New Yorkers question mayor’s motivations for re-opening schools in New York City¬

Can schools tether tax-paying New Yorkers to the city?

NYC School buses, Photo by Pom’ (CC BY-SA 2.0)

(NEW YORK, NEW YORK)— After months of caution, De Blasio’s decision to partially re-open New York City’s public schools has elicited panic and confusion among concerned parents. The Brick Underground’s prescient story on a possible “second exodus” of New York families provides another possible interpretation of the city’s motives: preventing the flight of families who provide valuable tax revenue for the city.

As more New Yorkers seek property outside of the city, many more reported that they too might leave if schools were to remain entirely closed in the fall. Already the city has seen well-off New Yorkers fleeing to far-off suburbs they once may have eyed with scorn. This comes at a time when New York City was already forced to make painful cuts to its budget, with thousands laid off during the pandemic.

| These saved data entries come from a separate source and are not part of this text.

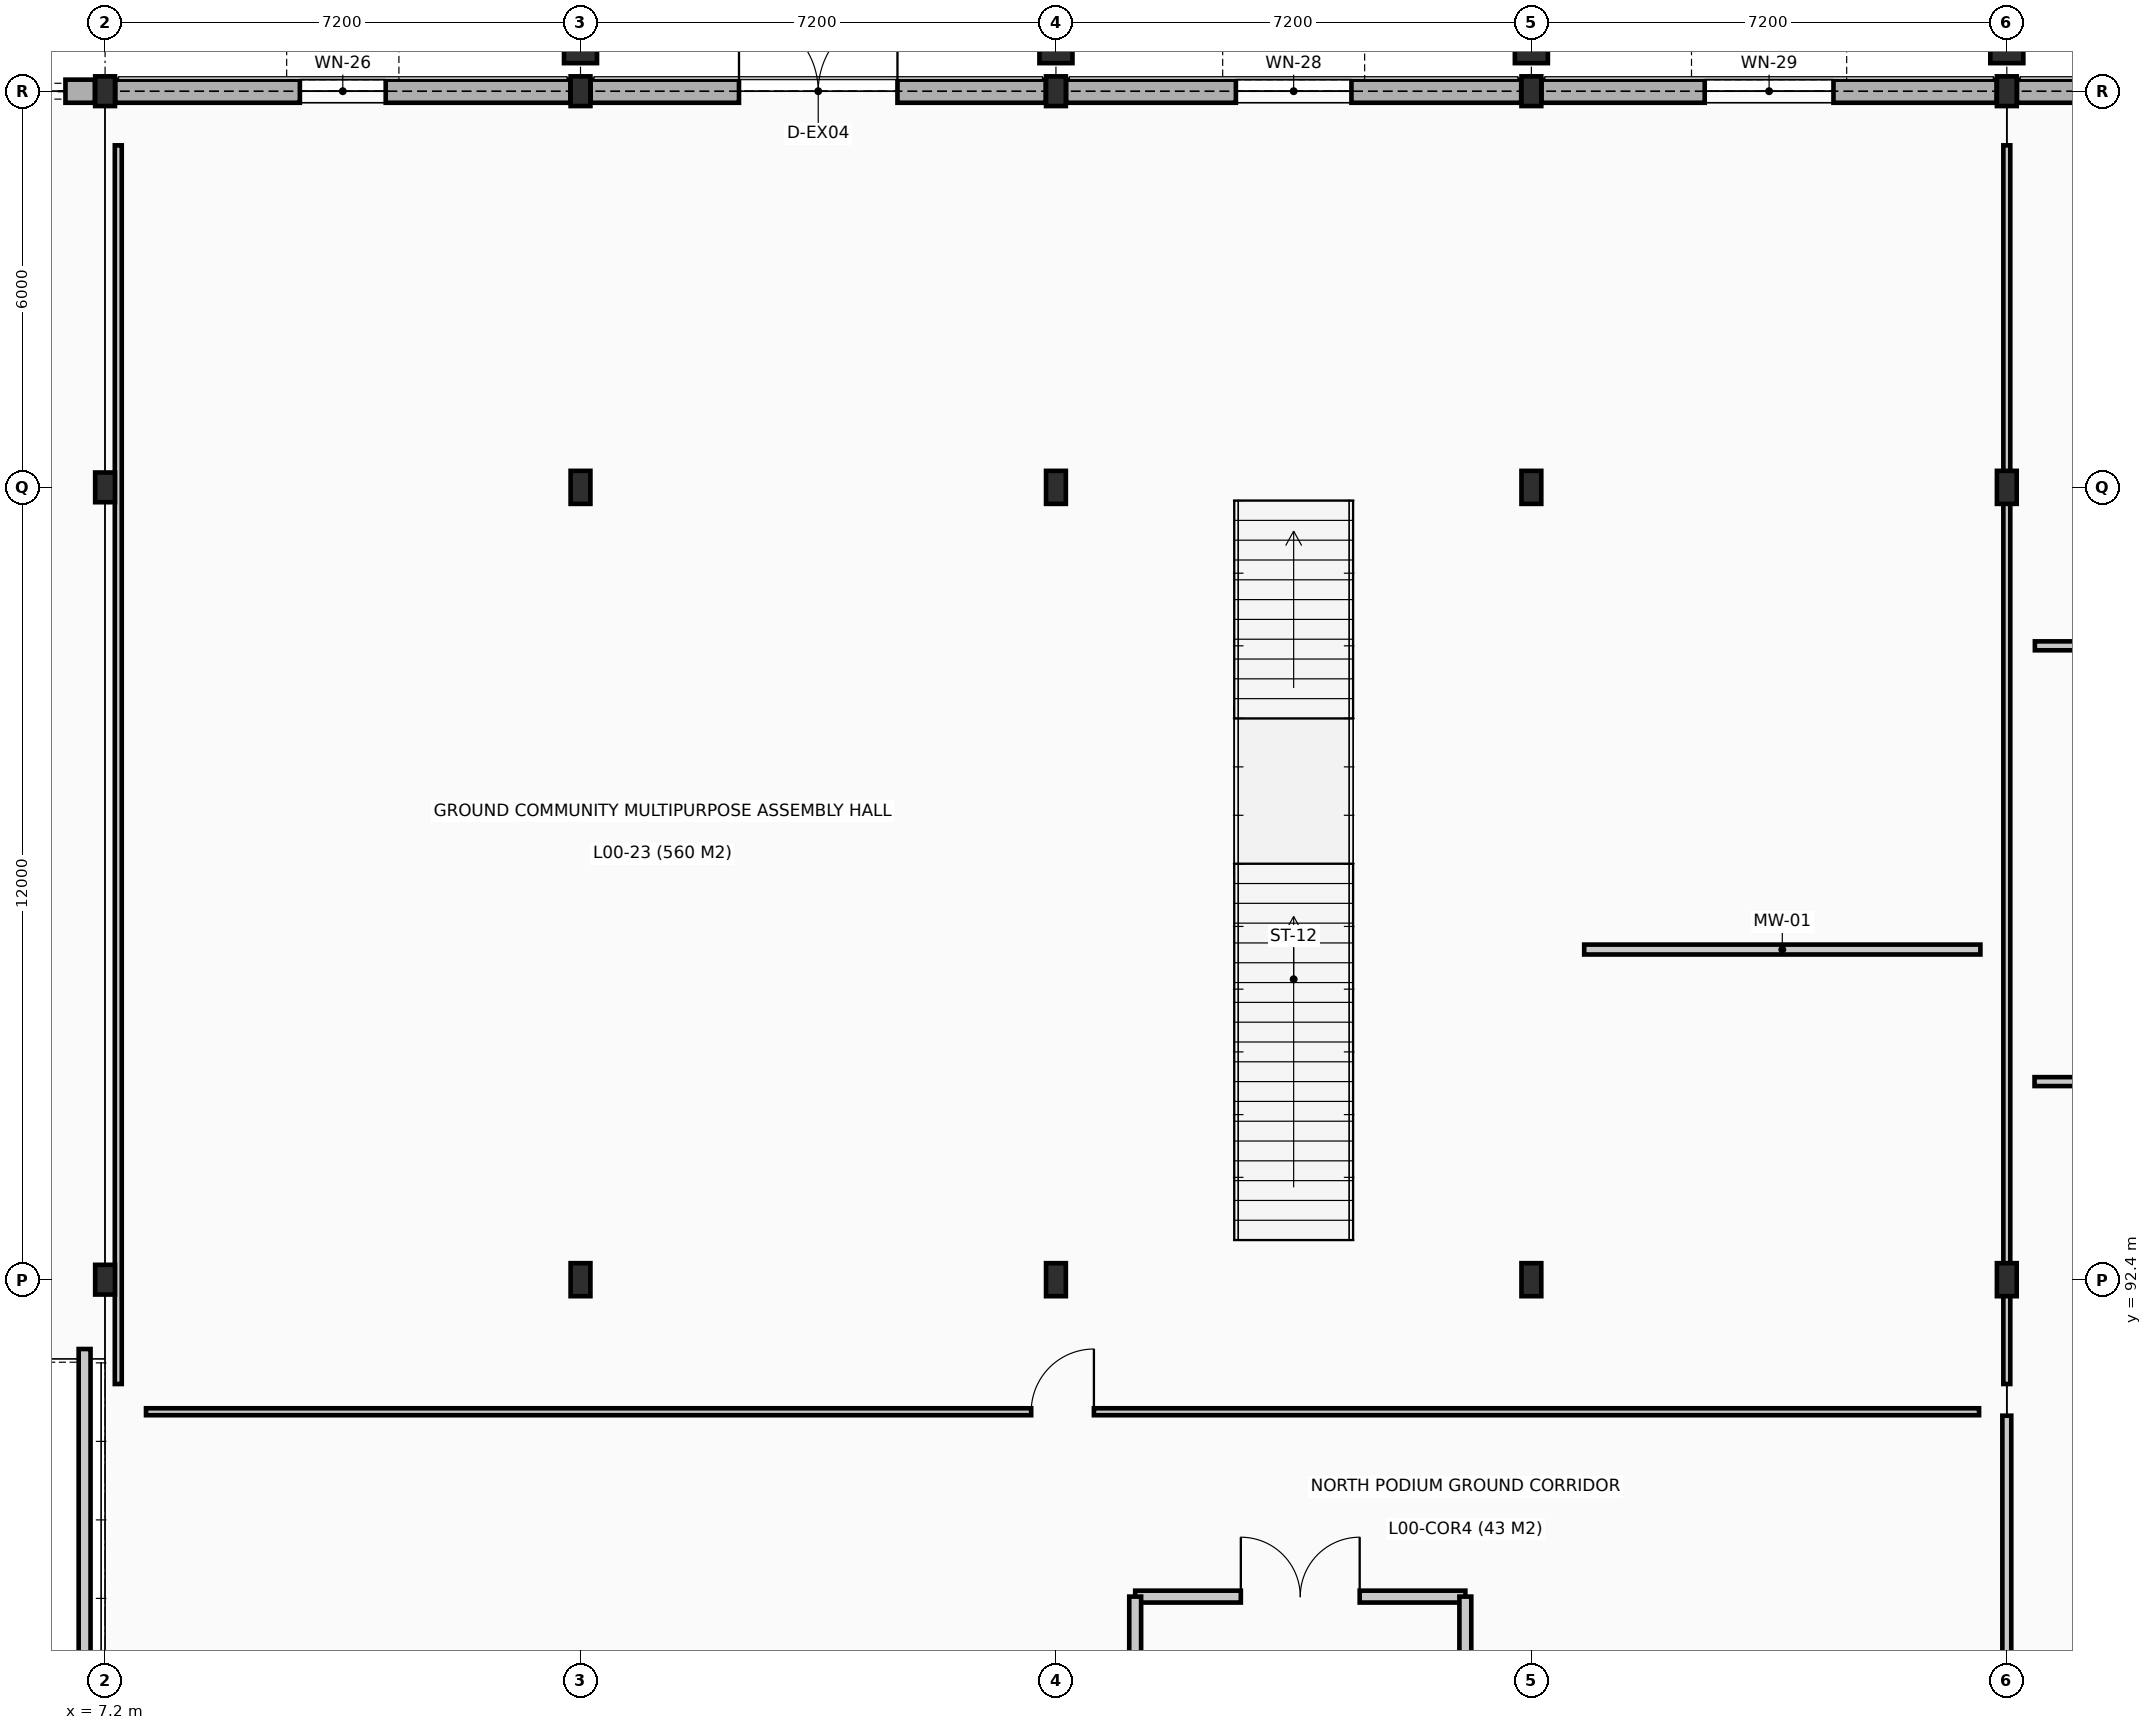
"""IFC4 building model, lengths in metres.
Left out: names, types, materials, properties, quantities, classifications, styles, units other than length and angle.
Written with IfcOpenShell. Run it as: python <this file> out.ifc"""

import sys

from ifc_helpers import new_model, si_unit, direction, frame, frame_2d, origin, origin_2d, place, context, subcontext, project, spatial, rectangle, i_section, extrude, element, fill, save


model = new_model("IFC4")
c1 = context("Model", 3, precision=1e-05, world=origin(), true_north=direction((0.0, 1.0)))
c2 = subcontext(c1, "Body", "Model", "MODEL_VIEW")
j1 = project(units=[si_unit("LENGTHUNIT", "METRE"), si_unit("PLANEANGLEUNIT", "RADIAN")], contexts=[c1])
p1 = place(None, origin())
s1 = spatial("IfcSite", under=j1, at=p1, CompositionType="ELEMENT")
p2 = place(p1, origin())
s2 = spatial("IfcBuilding", under=s1, at=p2, CompositionType="ELEMENT")
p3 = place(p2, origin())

Yet it need not be so dire. As of July 13, there have been 315 new cases reported in New York City. That’s a far cry from New York’s April peak of 8,021 new cases, or Florida’s record setting 11,458 new cases, reported on the Fourth of July, which continue to rise while the GOP-controlled state stubbornly refuses to enforce any precautions. Other countries that have recovered from earlier COVID spikes only to reopen later have not yet reported any significant rise in cases—so long as the necessary precautions are in place. The only question is whether New York’s beleaguered DOE can invest in the needed testing and infrastructure to protect its most vulnerable students.